The mix on dot com is very little food. If anything there is some gift baskets and some steaks and some wine and cheese. It is almost nonexistent. Electronics, furniture, sporting goods, jewelry, exercise equipment, by far the biggest category is electronics. I mean it is not half. It is probably not even 25% but it is not 5%.

Uta Werner - Sanford C. Bernstein & Co.

So if the overall channel has been growing at mid 20’s…

Richard Galanti

This past month, we still have a positive comp of 20+ in the last month. But we have seen a change even within that number. Traffic has been good. The number of transactions has been fine. It has all been on average ticket. But our average ticket has been historically over $400 in the last couple of years. So, again no matter how good the savings on that $2,800 furniture set or sofa or gadget, on a macro basis some people are saying we’ll hold off a little bit.

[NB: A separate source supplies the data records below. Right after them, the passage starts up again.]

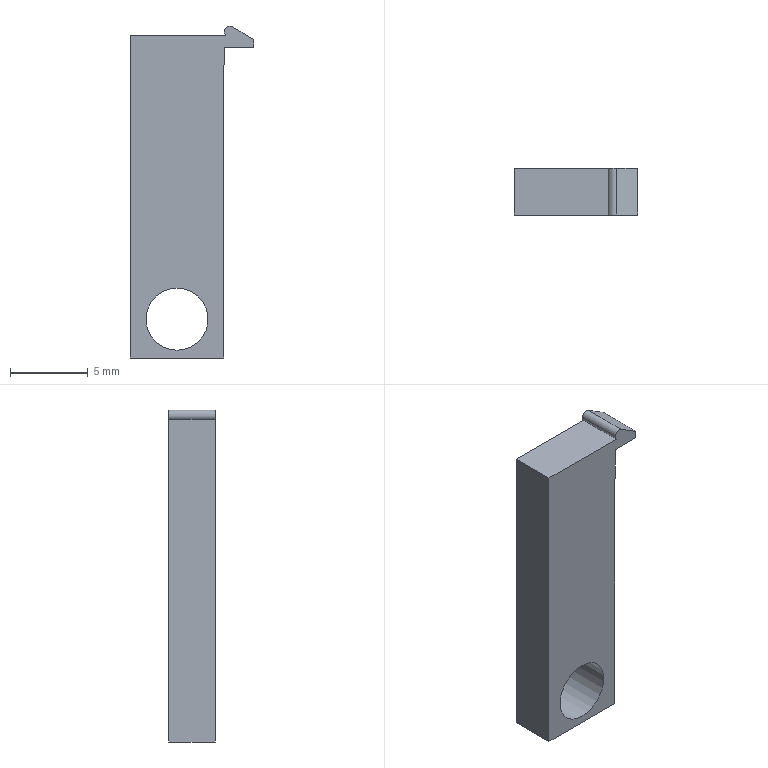Component | NX | SHEJI-WAIGUAN-3 | 1 solid | 12 faces | box 7.93 x 3 x 21.38 mm | volume 342 mm3 | plane 10 | cylinder 2 | commonest cylinder face diameters 0.707 x1 4 x1
STEP:
#1=CARTESIAN_POINT('',(0.,0.,0.));
#2=DIRECTION('',(0.,0.,1.));
#3=DIRECTION('',(1.,0.,0.));
#4=AXIS2_PLACEMENT_3D('',#1,#2,#3);
#5=CARTESIAN_POINT('',(-72.,-1.5,27.));
#6=VERTEX_POINT('',#5);
#7=CARTESIAN_POINT('',(-72.,-1.5,11.));
#8=VERTEX_POINT('',#7);
#9=CARTESIAN_POINT('',(-72.,-1.5,27.));
#10=DIRECTION('',(0.,0.,-1.));
#11=VECTOR('',#10,1.);
#12=LINE('',#9,#11);
#13=CARTESIAN_POINT('',(-72.,1.5,27.));
#14=DIRECTION('',(-1.,0.,0.));
#15=DIRECTION('',(0.,0.,-1.));
#16=AXIS2_PLACEMENT_3D('',#13,#14,#15);
#17=PLANE('',#16);
#18=CARTESIAN_POINT('',(0.,3.));
#19=DIRECTION('',(1.,0.));
#20=VECTOR('',#19,1.);
#21=LINE('',#18,#20);
#22=(GEOMETRIC_REPRESENTATION_CONTEXT(2)PARAMETRIC_REPRESENTATION_CONTEXT()REPRESENTATION_CONTEXT('',''));
#23=DEFINITIONAL_REPRESENTATION('',(#21),#22);
#24=PCURVE('',#17,#23);
#25=CARTESIAN_POINT('',(-71.606,-1.5,32.023));
#26=DIRECTION('',(0.,1.,0.));
#27=DIRECTION('',(0.,0.,-1.));
#28=AXIS2_PLACEMENT_3D('',#25,#26,#27);
#29=PLANE('',#28);
#30=CARTESIAN_POINT('',(5.023,0.3939));
#31=DIRECTION('',(1.,0.));
#32=VECTOR('',#31,1.);
#33=LINE('',#30,#32);
#34=(GEOMETRIC_REPRESENTATION_CONTEXT(2)PARAMETRIC_REPRESENTATION_CONTEXT()REPRESENTATION_CONTEXT('',''));
#35=DEFINITIONAL_REPRESENTATION('',(#33),#34);
#36=PCURVE('',#29,#35);
#37=SURFACE_CURVE('',#12,(#24,#36),.PCURVE_S1.);
#38=EDGE_CURVE('',#6,#8,#37,.T.);
#39=ORIENTED_EDGE('',*,*,#38,.T.);
#40=CARTESIAN_POINT('',(-72.,1.5,11.));
#41=VERTEX_POINT('',#40);
#42=CARTESIAN_POINT('',(-72.,1.5,11.));
#43=DIRECTION('',(0.,-1.,0.));
#44=VECTOR('',#43,1.);
#45=LINE('',#42,#44);
#46=CARTESIAN_POINT('',(16.,0.));
#47=DIRECTION('',(0.,1.));
#48=VECTOR('',#47,1.);
#49=LINE('',#46,#48);
#50=(GEOMETRIC_REPRESENTATION_CONTEXT(2)PARAMETRIC_REPRESENTATION_CONTEXT()REPRESENTATION_CONTEXT('',''));
#51=DEFINITIONAL_REPRESENTATION('',(#49),#50);
#52=PCURVE('',#17,#51);
#53=CARTESIAN_POINT('',(-72.,1.5,11.));
#54=DIRECTION('',(0.,0.,1.));
#55=DIRECTION('',(-1.,0.,0.));
#56=AXIS2_PLACEMENT_3D('',#53,#54,#55);
#57=PLANE('',#56);
#58=CARTESIAN_POINT('',(0.,0.));
#59=DIRECTION('',(0.,1.));
#60=VECTOR('',#59,1.);
#61=LINE('',#58,#60);
#62=(GEOMETRIC_REPRESENTATION_CONTEXT(2)PARAMETRIC_REPRESENTATION_CONTEXT()REPRESENTATION_CONTEXT('',''));
#63=DEFINITIONAL_REPRESENTATION('',(#61),#62);
#64=PCURVE('',#57,#63);
#65=SURFACE_CURVE('',#45,(#52,#64),.PCURVE_S1.);
#66=EDGE_CURVE('',#41,#8,#65,.T.);
#67=ORIENTED_EDGE('',*,*,#66,.F.);
#68=CARTESIAN_POINT('',(-72.,1.5,27.));
#69=VERTEX_POINT('',#68);
#70=CARTESIAN_POINT('',(-72.,1.5,27.));
#71=DIRECTION('',(0.,0.,-1.));
#72=VECTOR('',#71,1.);
#73=LINE('',#70,#72);
#74=CARTESIAN_POINT('',(0.,0.));
#75=DIRECTION('',(1.,0.));
#76=VECTOR('',#75,1.);
#77=LINE('',#74,#76);
#78=(GEOMETRIC_REPRESENTATION_CONTEXT(2)PARAMETRIC_REPRESENTATION_CONTEXT()REPRESENTATION_CONTEXT('',''));
#79=DEFINITIONAL_REPRESENTATION('',(#77),#78);
#80=PCURVE('',#17,#79);
#81=CARTESIAN_POINT('',(-71.606,1.5,32.023));
#82=DIRECTION('',(0.,1.,0.));
#83=DIRECTION('',(0.,0.,-1.));
#84=AXIS2_PLACEMENT_3D('',#81,#82,#83);
#85=PLANE('',#84);
#86=CARTESIAN_POINT('',(5.023,0.3939));
#87=DIRECTION('',(1.,0.));
#88=VECTOR('',#87,1.);
#89=LINE('',#86,#88);
#90=(GEOMETRIC_REPRESENTATION_CONTEXT(2)PARAMETRIC_REPRESENTATION_CONTEXT()REPRESENTATION_CONTEXT('',''));
#91=DEFINITIONAL_REPRESENTATION('',(#89),#90);
#92=PCURVE('',#85,#91);
#93=SURFACE_CURVE('',#73,(#80,#92),.PCURVE_S1.);
#94=EDGE_CURVE('',#69,#41,#93,.T.);
#95=ORIENTED_EDGE('',*,*,#94,.F.);
#96=CARTESIAN_POINT('',(-72.,1.5,27.));
#97=DIRECTION('',(0.,-1.,0.));
#98=VECTOR('',#97,1.);
#99=LINE('',#96,#98);
#100=CARTESIAN_POINT('',(0.,0.));
#101=DIRECTION('',(0.,1.));
#102=VECTOR('',#101,1.);
#103=LINE('',#100,#102);
#104=(GEOMETRIC_REPRESENTATION_CONTEXT(2)PARAMETRIC_REPRESENTATION_CONTEXT()REPRESENTATION_CONTEXT('',''));
#105=DEFINITIONAL_REPRESENTATION('',(#103),#104);
#106=PCURVE('',#17,#105);
#107=CARTESIAN_POINT('',(-71.968,1.5,31.));
#108=DIRECTION('',(-1.,0.,0.008057));
#109=DIRECTION('',(-0.008057,0.,-1.));
#110=AXIS2_PLACEMENT_3D('',#107,#108,#109);
#111=PLANE('',#110);
#112=CARTESIAN_POINT('',(4.,0.));
#113=DIRECTION('',(0.,1.));
#114=VECTOR('',#113,1.);
#115=LINE('',#112,#114);
#116=(GEOMETRIC_REPRESENTATION_CONTEXT(2)PARAMETRIC_REPRESENTATION_CONTEXT()REPRESENTATION_CONTEXT('',''));
#117=DEFINITIONAL_REPRESENTATION('',(#115),#116);
#118=PCURVE('',#111,#117);
#119=SURFACE_CURVE('',#99,(#106,#118),.PCURVE_S1.);
#120=EDGE_CURVE('',#69,#6,#119,.T.);
#121=ORIENTED_EDGE('',*,*,#120,.T.);
#122=EDGE_LOOP('',(#39,#67,#95,#121));
#123=FACE_BOUND('',#122,.T.);
#124=ADVANCED_FACE('',(#123),#17,.F.);
#125=CARTESIAN_POINT('',(-78.,-1.5,11.));
#126=VERTEX_POINT('',#125);
#127=CARTESIAN_POINT('',(-72.,-1.5,11.));
#128=DIRECTION('',(-1.,0.,0.));
#129=VECTOR('',#128,1.);
#130=LINE('',#127,#129);
#131=CARTESIAN_POINT('',(0.,3.));
#132=DIRECTION('',(1.,0.));
#133=VECTOR('',#132,1.);
#134=LINE('',#131,#133);
#135=(GEOMETRIC_REPRESENTATION_CONTEXT(2)PARAMETRIC_REPRESENTATION_CONTEXT()REPRESENTATION_CONTEXT('',''));
#136=DEFINITIONAL_REPRESENTATION('',(#134),#135);
#137=PCURVE('',#57,#136);
#138=CARTESIAN_POINT('',(21.023,0.3939));
#139=DIRECTION('',(0.,1.));
#140=VECTOR('',#139,1.);
#141=LINE('',#138,#140);
#142=(GEOMETRIC_REPRESENTATION_CONTEXT(2)PARAMETRIC_REPRESENTATION_CONTEXT()REPRESENTATION_CONTEXT('',''));
#143=DEFINITIONAL_REPRESENTATION('',(#141),#142);
#144=PCURVE('',#29,#143);
#145=SURFACE_CURVE('',#130,(#137,#144),.PCURVE_S1.);
#146=EDGE_CURVE('',#8,#126,#145,.T.);
#147=ORIENTED_EDGE('',*,*,#146,.T.);
#148=CARTESIAN_POINT('',(-78.,1.5,11.));
#149=VERTEX_POINT('',#148);
#150=CARTESIAN_POINT('',(-78.,1.5,11.));
#151=DIRECTION('',(0.,-1.,0.));
#152=VECTOR('',#151,1.);
#153=LINE('',#150,#152);
#154=CARTESIAN_POINT('',(6.,0.));
#155=DIRECTION('',(0.,1.));
#156=VECTOR('',#155,1.);
#157=LINE('',#154,#156);
#158=(GEOMETRIC_REPRESENTATION_CONTEXT(2)PARAMETRIC_REPRESENTATION_CONTEXT()REPRESENTATION_CONTEXT('',''));
#159=DEFINITIONAL_REPRESENTATION('',(#157),#158);
#160=PCURVE('',#57,#159);
#161=CARTESIAN_POINT('',(-78.,1.5,31.));
#162=DIRECTION('',(1.,0.,0.));
#163=DIRECTION('',(0.,0.,1.));
#164=AXIS2_PLACEMENT_3D('',#161,#162,#163);
#165=PLANE('',#164);
#166=CARTESIAN_POINT('',(-20.,0.));
#167=DIRECTION('',(0.,1.));
#168=VECTOR('',#167,1.);
#169=LINE('',#166,#168);
#170=(GEOMETRIC_REPRESENTATION_CONTEXT(2)PARAMETRIC_REPRESENTATION_CONTEXT()REPRESENTATION_CONTEXT('',''));
#171=DEFINITIONAL_REPRESENTATION('',(#169),#170);
#172=PCURVE('',#165,#171);
#173=SURFACE_CURVE('',#153,(#160,#172),.PCURVE_S1.);
#174=EDGE_CURVE('',#149,#126,#173,.T.);
#175=ORIENTED_EDGE('',*,*,#174,.F.);
#176=CARTESIAN_POINT('',(-72.,1.5,11.));
#177=DIRECTION('',(-1.,0.,0.));
#178=VECTOR('',#177,1.);
#179=LINE('',#176,#178);
#180=CARTESIAN_POINT('',(0.,0.));
#181=DIRECTION('',(1.,0.));
#182=VECTOR('',#181,1.);
#183=LINE('',#180,#182);
#184=(GEOMETRIC_REPRESENTATION_CONTEXT(2)PARAMETRIC_REPRESENTATION_CONTEXT()REPRESENTATION_CONTEXT('',''));
#185=DEFINITIONAL_REPRESENTATION('',(#183),#184);
#186=PCURVE('',#57,#185);
#187=CARTESIAN_POINT('',(21.023,0.3939));
#188=DIRECTION('',(0.,1.));
#189=VECTOR('',#188,1.);
#190=LINE('',#187,#189);
#191=(GEOMETRIC_REPRESENTATION_CONTEXT(2)PARAMETRIC_REPRESENTATION_CONTEXT()REPRESENTATION_CONTEXT('',''));
#192=DEFINITIONAL_REPRESENTATION('',(#190),#191);
#193=PCURVE('',#85,#192);
#194=SURFACE_CURVE('',#179,(#186,#193),.PCURVE_S1.);
#195=EDGE_CURVE('',#41,#149,#194,.T.);
#196=ORIENTED_EDGE('',*,*,#195,.F.);
#197=ORIENTED_EDGE('',*,*,#66,.T.);
#198=EDGE_LOOP('',(#147,#175,#196,#197));
#199=FACE_BOUND('',#198,.T.);
#200=ADVANCED_FACE('',(#199),#57,.F.);
#201=CARTESIAN_POINT('',(-78.,-1.5,31.776));
#202=VERTEX_POINT('',#201);
#203=CARTESIAN_POINT('',(-78.,-1.5,31.));
#204=DIRECTION('',(0.,0.,1.));
#205=VECTOR('',#204,1.);
#206=LINE('',#203,#205);
#207=CARTESIAN_POINT('',(0.,3.));
#208=DIRECTION('',(1.,0.));
#209=VECTOR('',#208,1.);
#210=LINE('',#207,#209);
#211=(GEOMETRIC_REPRESENTATION_CONTEXT(2)PARAMETRIC_REPRESENTATION_CONTEXT()REPRESENTATION_CONTEXT('',''));
#212=DEFINITIONAL_REPRESENTATION('',(#210),#211);
#213=PCURVE('',#165,#212);
#214=CARTESIAN_POINT('',(1.023,6.394));
#215=DIRECTION('',(-1.,0.));
#216=VECTOR('',#215,1.);
#217=LINE('',#214,#216);
#218=(GEOMETRIC_REPRESENTATION_CONTEXT(2)PARAMETRIC_REPRESENTATION_CONTEXT()REPRESENTATION_CONTEXT('',''));
#219=DEFINITIONAL_REPRESENTATION('',(#217),#218);
#220=PCURVE('',#29,#219);
#221=SURFACE_CURVE('',#206,(#213,#220),.PCURVE_S1.);
#222=EDGE_CURVE('',#126,#202,#221,.T.);
#223=ORIENTED_EDGE('',*,*,#222,.T.);
#224=CARTESIAN_POINT('',(-78.,1.5,31.776));
#225=VERTEX_POINT('',#224);
#226=CARTESIAN_POINT('',(-78.,1.5,31.776));
#227=DIRECTION('',(0.,-1.,0.));
#228=VECTOR('',#227,1.);
#229=LINE('',#226,#228);
#230=CARTESIAN_POINT('',(0.7762,0.));
#231=DIRECTION('',(0.,1.));
#232=VECTOR('',#231,1.);
#233=LINE('',#230,#232);
#234=(GEOMETRIC_REPRESENTATION_CONTEXT(2)PARAMETRIC_REPRESENTATION_CONTEXT()REPRESENTATION_CONTEXT('',''));
#235=DEFINITIONAL_REPRESENTATION('',(#233),#234);
#236=PCURVE('',#165,#235);
#237=CARTESIAN_POINT('',(-78.,1.5,31.776));
#238=DIRECTION('',(0.,0.,-1.));
#239=DIRECTION('',(1.,0.,0.));
#240=AXIS2_PLACEMENT_3D('',#237,#238,#239);
#241=PLANE('',#240);
#242=CARTESIAN_POINT('',(0.,0.));
#243=DIRECTION('',(0.,1.));
#244=VECTOR('',#243,1.);
#245=LINE('',#242,#244);
#246=(GEOMETRIC_REPRESENTATION_CONTEXT(2)PARAMETRIC_REPRESENTATION_CONTEXT()REPRESENTATION_CONTEXT('',''));
#247=DEFINITIONAL_REPRESENTATION('',(#245),#246);
#248=PCURVE('',#241,#247);
#249=SURFACE_CURVE('',#229,(#236,#248),.PCURVE_S1.);
#250=EDGE_CURVE('',#225,#202,#249,.T.);
#251=ORIENTED_EDGE('',*,*,#250,.F.);
#252=CARTESIAN_POINT('',(-78.,1.5,11.));
#253=DIRECTION('',(0.,0.,1.));
#254=VECTOR('',#253,1.);
#255=LINE('',#252,#254);
#256=CARTESIAN_POINT('',(-20.,0.));
#257=DIRECTION('',(1.,0.));
#258=VECTOR('',#257,1.);
#259=LINE('',#256,#258);
#260=(GEOMETRIC_REPRESENTATION_CONTEXT(2)PARAMETRIC_REPRESENTATION_CONTEXT()REPRESENTATION_CONTEXT('',''));
#261=DEFINITIONAL_REPRESENTATION('',(#259),#260);
#262=PCURVE('',#165,#261);
#263=CARTESIAN_POINT('',(21.023,6.394));
#264=DIRECTION('',(-1.,0.));
#265=VECTOR('',#264,1.);
#266=LINE('',#263,#265);
#267=(GEOMETRIC_REPRESENTATION_CONTEXT(2)PARAMETRIC_REPRESENTATION_CONTEXT()REPRESENTATION_CONTEXT('',''));
#268=DEFINITIONAL_REPRESENTATION('',(#266),#267);
#269=PCURVE('',#85,#268);
#270=SURFACE_CURVE('',#255,(#262,#269),.PCURVE_S1.);
#271=EDGE_CURVE('',#149,#225,#270,.T.);
#272=ORIENTED_EDGE('',*,*,#271,.F.);
#273=ORIENTED_EDGE('',*,*,#174,.T.);
#274=EDGE_LOOP('',(#223,#251,#272,#273));
#275=FACE_BOUND('',#274,.T.);
#276=ADVANCED_FACE('',(#275),#165,.F.);
#277=CARTESIAN_POINT('',(-71.859,-1.5,31.776));
#278=VERTEX_POINT('',#277);
#279=CARTESIAN_POINT('',(-78.,-1.5,31.776));
#280=DIRECTION('',(1.,0.,0.));
#281=VECTOR('',#280,1.);
#282=LINE('',#279,#281);
#283=CARTESIAN_POINT('',(0.,3.));
#284=DIRECTION('',(1.,0.));
#285=VECTOR('',#284,1.);
#286=LINE('',#283,#285);
#287=(GEOMETRIC_REPRESENTATION_CONTEXT(2)PARAMETRIC_REPRESENTATION_CONTEXT()REPRESENTATION_CONTEXT('',''));
#288=DEFINITIONAL_REPRESENTATION('',(#286),#287);
#289=PCURVE('',#241,#288);
#290=CARTESIAN_POINT('',(0.2472,6.394));
#291=DIRECTION('',(0.,-1.));
#292=VECTOR('',#291,1.);
#293=LINE('',#290,#292);
#294=(GEOMETRIC_REPRESENTATION_CONTEXT(2)PARAMETRIC_REPRESENTATION_CONTEXT()REPRESENTATION_CONTEXT('',''));
#295=DEFINITIONAL_REPRESENTATION('',(#293),#294);
#296=PCURVE('',#29,#295);
#297=SURFACE_CURVE('',#282,(#289,#296),.PCURVE_S1.);
#298=EDGE_CURVE('',#202,#278,#297,.T.);
#299=ORIENTED_EDGE('',*,*,#298,.T.);
#300=CARTESIAN_POINT('',(-71.859,1.5,31.776));
#301=VERTEX_POINT('',#300);
#302=CARTESIAN_POINT('',(-71.859,1.5,31.776));
#303=DIRECTION('',(0.,-1.,0.));
#304=VECTOR('',#303,1.);
#305=LINE('',#302,#304);
#306=CARTESIAN_POINT('',(6.141,-0.));
#307=DIRECTION('',(0.,1.));
#308=VECTOR('',#307,1.);
#309=LINE('',#306,#308);
#310=(GEOMETRIC_REPRESENTATION_CONTEXT(2)PARAMETRIC_REPRESENTATION_CONTEXT()REPRESENTATION_CONTEXT('',''));
#311=DEFINITIONAL_REPRESENTATION('',(#309),#310);
#312=PCURVE('',#241,#311);
#313=CARTESIAN_POINT('',(-71.606,1.5,32.023));
#314=DIRECTION('',(0.,-1.,0.));
#315=DIRECTION('',(0.,0.,1.));
#316=AXIS2_PLACEMENT_3D('',#313,#314,#315);
#317=CYLINDRICAL_SURFACE('',#316,0.3534);
#318=CARTESIAN_POINT('',(2.345,0.));
#319=DIRECTION('',(0.,1.));
#320=VECTOR('',#319,1.);
#321=LINE('',#318,#320);
#322=(GEOMETRIC_REPRESENTATION_CONTEXT(2)PARAMETRIC_REPRESENTATION_CONTEXT()REPRESENTATION_CONTEXT('',''));
#323=DEFINITIONAL_REPRESENTATION('',(#321),#322);
#324=PCURVE('',#317,#323);
#325=SURFACE_CURVE('',#305,(#312,#324),.PCURVE_S1.);
#326=EDGE_CURVE('',#301,#278,#325,.T.);
#327=ORIENTED_EDGE('',*,*,#326,.F.);
#328=CARTESIAN_POINT('',(-78.,1.5,31.776));
#329=DIRECTION('',(1.,0.,0.));
#330=VECTOR('',#329,1.);
#331=LINE('',#328,#330);
#332=CARTESIAN_POINT('',(0.,0.));
#333=DIRECTION('',(1.,0.));
#334=VECTOR('',#333,1.);
#335=LINE('',#332,#334);
#336=(GEOMETRIC_REPRESENTATION_CONTEXT(2)PARAMETRIC_REPRESENTATION_CONTEXT()REPRESENTATION_CONTEXT('',''));
#337=DEFINITIONAL_REPRESENTATION('',(#335),#336);
#338=PCURVE('',#241,#337);
#339=CARTESIAN_POINT('',(0.2472,6.394));
#340=DIRECTION('',(0.,-1.));
#341=VECTOR('',#340,1.);
#342=LINE('',#339,#341);
#343=(GEOMETRIC_REPRESENTATION_CONTEXT(2)PARAMETRIC_REPRESENTATION_CONTEXT()REPRESENTATION_CONTEXT('',''));
#344=DEFINITIONAL_REPRESENTATION('',(#342),#343);
#345=PCURVE('',#85,#344);
#346=SURFACE_CURVE('',#331,(#338,#345),.PCURVE_S1.);
#347=EDGE_CURVE('',#225,#301,#346,.T.);
#348=ORIENTED_EDGE('',*,*,#347,.F.);
#349=ORIENTED_EDGE('',*,*,#250,.T.);
#350=EDGE_LOOP('',(#299,#327,#348,#349));
#351=FACE_BOUND('',#350,.T.);
#352=ADVANCED_FACE('',(#351),#241,.F.);
#353=CARTESIAN_POINT('',(-71.421,-1.5,32.325));
#354=VERTEX_POINT('',#353);
#355=CARTESIAN_POINT('',(-71.606,-1.5,32.023));
#356=DIRECTION('',(0.,1.,0.));
#357=DIRECTION('',(-1.,0.,0.));
#358=AXIS2_PLACEMENT_3D('',#355,#356,#357);
#359=CIRCLE('',#358,0.3534);
#360=CARTESIAN_POINT('',(7.854,3.));
#361=DIRECTION('',(-1.,0.));
#362=VECTOR('',#361,1.);
#363=LINE('',#360,#362);
#364=(GEOMETRIC_REPRESENTATION_CONTEXT(2)PARAMETRIC_REPRESENTATION_CONTEXT()REPRESENTATION_CONTEXT('',''));
#365=DEFINITIONAL_REPRESENTATION('',(#363),#364);
#366=PCURVE('',#317,#365);
#367=CARTESIAN_POINT('',(0.,0.));
#368=DIRECTION('',(0.,1.));
#369=AXIS2_PLACEMENT_2D('',#367,#368);
#370=CIRCLE('',#369,0.3534);
#371=(GEOMETRIC_REPRESENTATION_CONTEXT(2)PARAMETRIC_REPRESENTATION_CONTEXT()REPRESENTATION_CONTEXT('',''));
#372=DEFINITIONAL_REPRESENTATION('',(#370),#371);
#373=PCURVE('',#29,#372);
#374=SURFACE_CURVE('',#359,(#366,#373),.PCURVE_S1.);
#375=EDGE_CURVE('',#278,#354,#374,.T.);
#376=ORIENTED_EDGE('',*,*,#375,.T.);
#377=CARTESIAN_POINT('',(-71.421,1.5,32.325));
#378=VERTEX_POINT('',#377);
#379=CARTESIAN_POINT('',(-71.421,1.5,32.325));
#380=DIRECTION('',(0.,-1.,0.));
#381=VECTOR('',#380,1.);
#382=LINE('',#379,#381);
#383=CARTESIAN_POINT('',(-0.5495,0.));
#384=DIRECTION('',(0.,1.));
#385=VECTOR('',#384,1.);
#386=LINE('',#383,#385);
#387=(GEOMETRIC_REPRESENTATION_CONTEXT(2)PARAMETRIC_REPRESENTATION_CONTEXT()REPRESENTATION_CONTEXT('',''));
#388=DEFINITIONAL_REPRESENTATION('',(#386),#387);
#389=PCURVE('',#317,#388);
#390=CARTESIAN_POINT('',(-71.421,1.5,32.325));
#391=DIRECTION('',(-0.5223,0.,-0.8528));
#392=DIRECTION('',(0.8528,0.,-0.5223));
#393=AXIS2_PLACEMENT_3D('',#390,#391,#392);
#394=PLANE('',#393);
#395=CARTESIAN_POINT('',(0.,0.));
#396=DIRECTION('',(0.,1.));
#397=VECTOR('',#396,1.);
#398=LINE('',#395,#397);
#399=(GEOMETRIC_REPRESENTATION_CONTEXT(2)PARAMETRIC_REPRESENTATION_CONTEXT()REPRESENTATION_CONTEXT('',''));
#400=DEFINITIONAL_REPRESENTATION('',(#398),#399);
#401=PCURVE('',#394,#400);
#402=SURFACE_CURVE('',#382,(#389,#401),.PCURVE_S1.);
#403=EDGE_CURVE('',#378,#354,#402,.T.);
#404=ORIENTED_EDGE('',*,*,#403,.F.);
#405=CARTESIAN_POINT('',(-71.606,1.5,32.023));
#406=DIRECTION('',(0.,1.,0.));
#407=DIRECTION('',(-1.,0.,0.));
#408=AXIS2_PLACEMENT_3D('',#405,#406,#407);
#409=CIRCLE('',#408,0.3534);
#410=CARTESIAN_POINT('',(7.854,0.));
#411=DIRECTION('',(-1.,0.));
#412=VECTOR('',#411,1.);
#413=LINE('',#410,#412);
#414=(GEOMETRIC_REPRESENTATION_CONTEXT(2)PARAMETRIC_REPRESENTATION_CONTEXT()REPRESENTATION_CONTEXT('',''));
#415=DEFINITIONAL_REPRESENTATION('',(#413),#414);
#416=PCURVE('',#317,#415);
#417=CARTESIAN_POINT('',(0.,0.));
#418=DIRECTION('',(0.,1.));
#419=AXIS2_PLACEMENT_2D('',#417,#418);
#420=CIRCLE('',#419,0.3534);
#421=(GEOMETRIC_REPRESENTATION_CONTEXT(2)PARAMETRIC_REPRESENTATION_CONTEXT()REPRESENTATION_CONTEXT('',''));
#422=DEFINITIONAL_REPRESENTATION('',(#420),#421);
#423=PCURVE('',#85,#422);
#424=SURFACE_CURVE('',#409,(#416,#423),.PCURVE_S1.);
#425=EDGE_CURVE('',#301,#378,#424,.T.);
#426=ORIENTED_EDGE('',*,*,#425,.F.);
#427=ORIENTED_EDGE('',*,*,#326,.T.);
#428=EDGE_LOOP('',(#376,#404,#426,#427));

Uta Werner - Sanford C. Bernstein & Co.

When you look at the combined sales in these more bigger ticket items across stores and dot com, how much of that slower growth you are potentially seeing is really coming from the macro environment or potentially that your consumer base is starting to get saturated with those items?

Richard Galanti

Who knows? I mean, defensively one might argue when asking that question that hey the Wal-Mart’s and Target six months ago are showing decent electronics gains and your major sales have slowed down a little bit. Well, we also for two years prior to that running we had 20+% comps in a deflationary business, so units wise even more than that. So yes you are right. Our customer bought faster and bigger earlier. So there is probably a little bit about that. But we just worry about what today looks like. So far relatively speaking we are holding our own.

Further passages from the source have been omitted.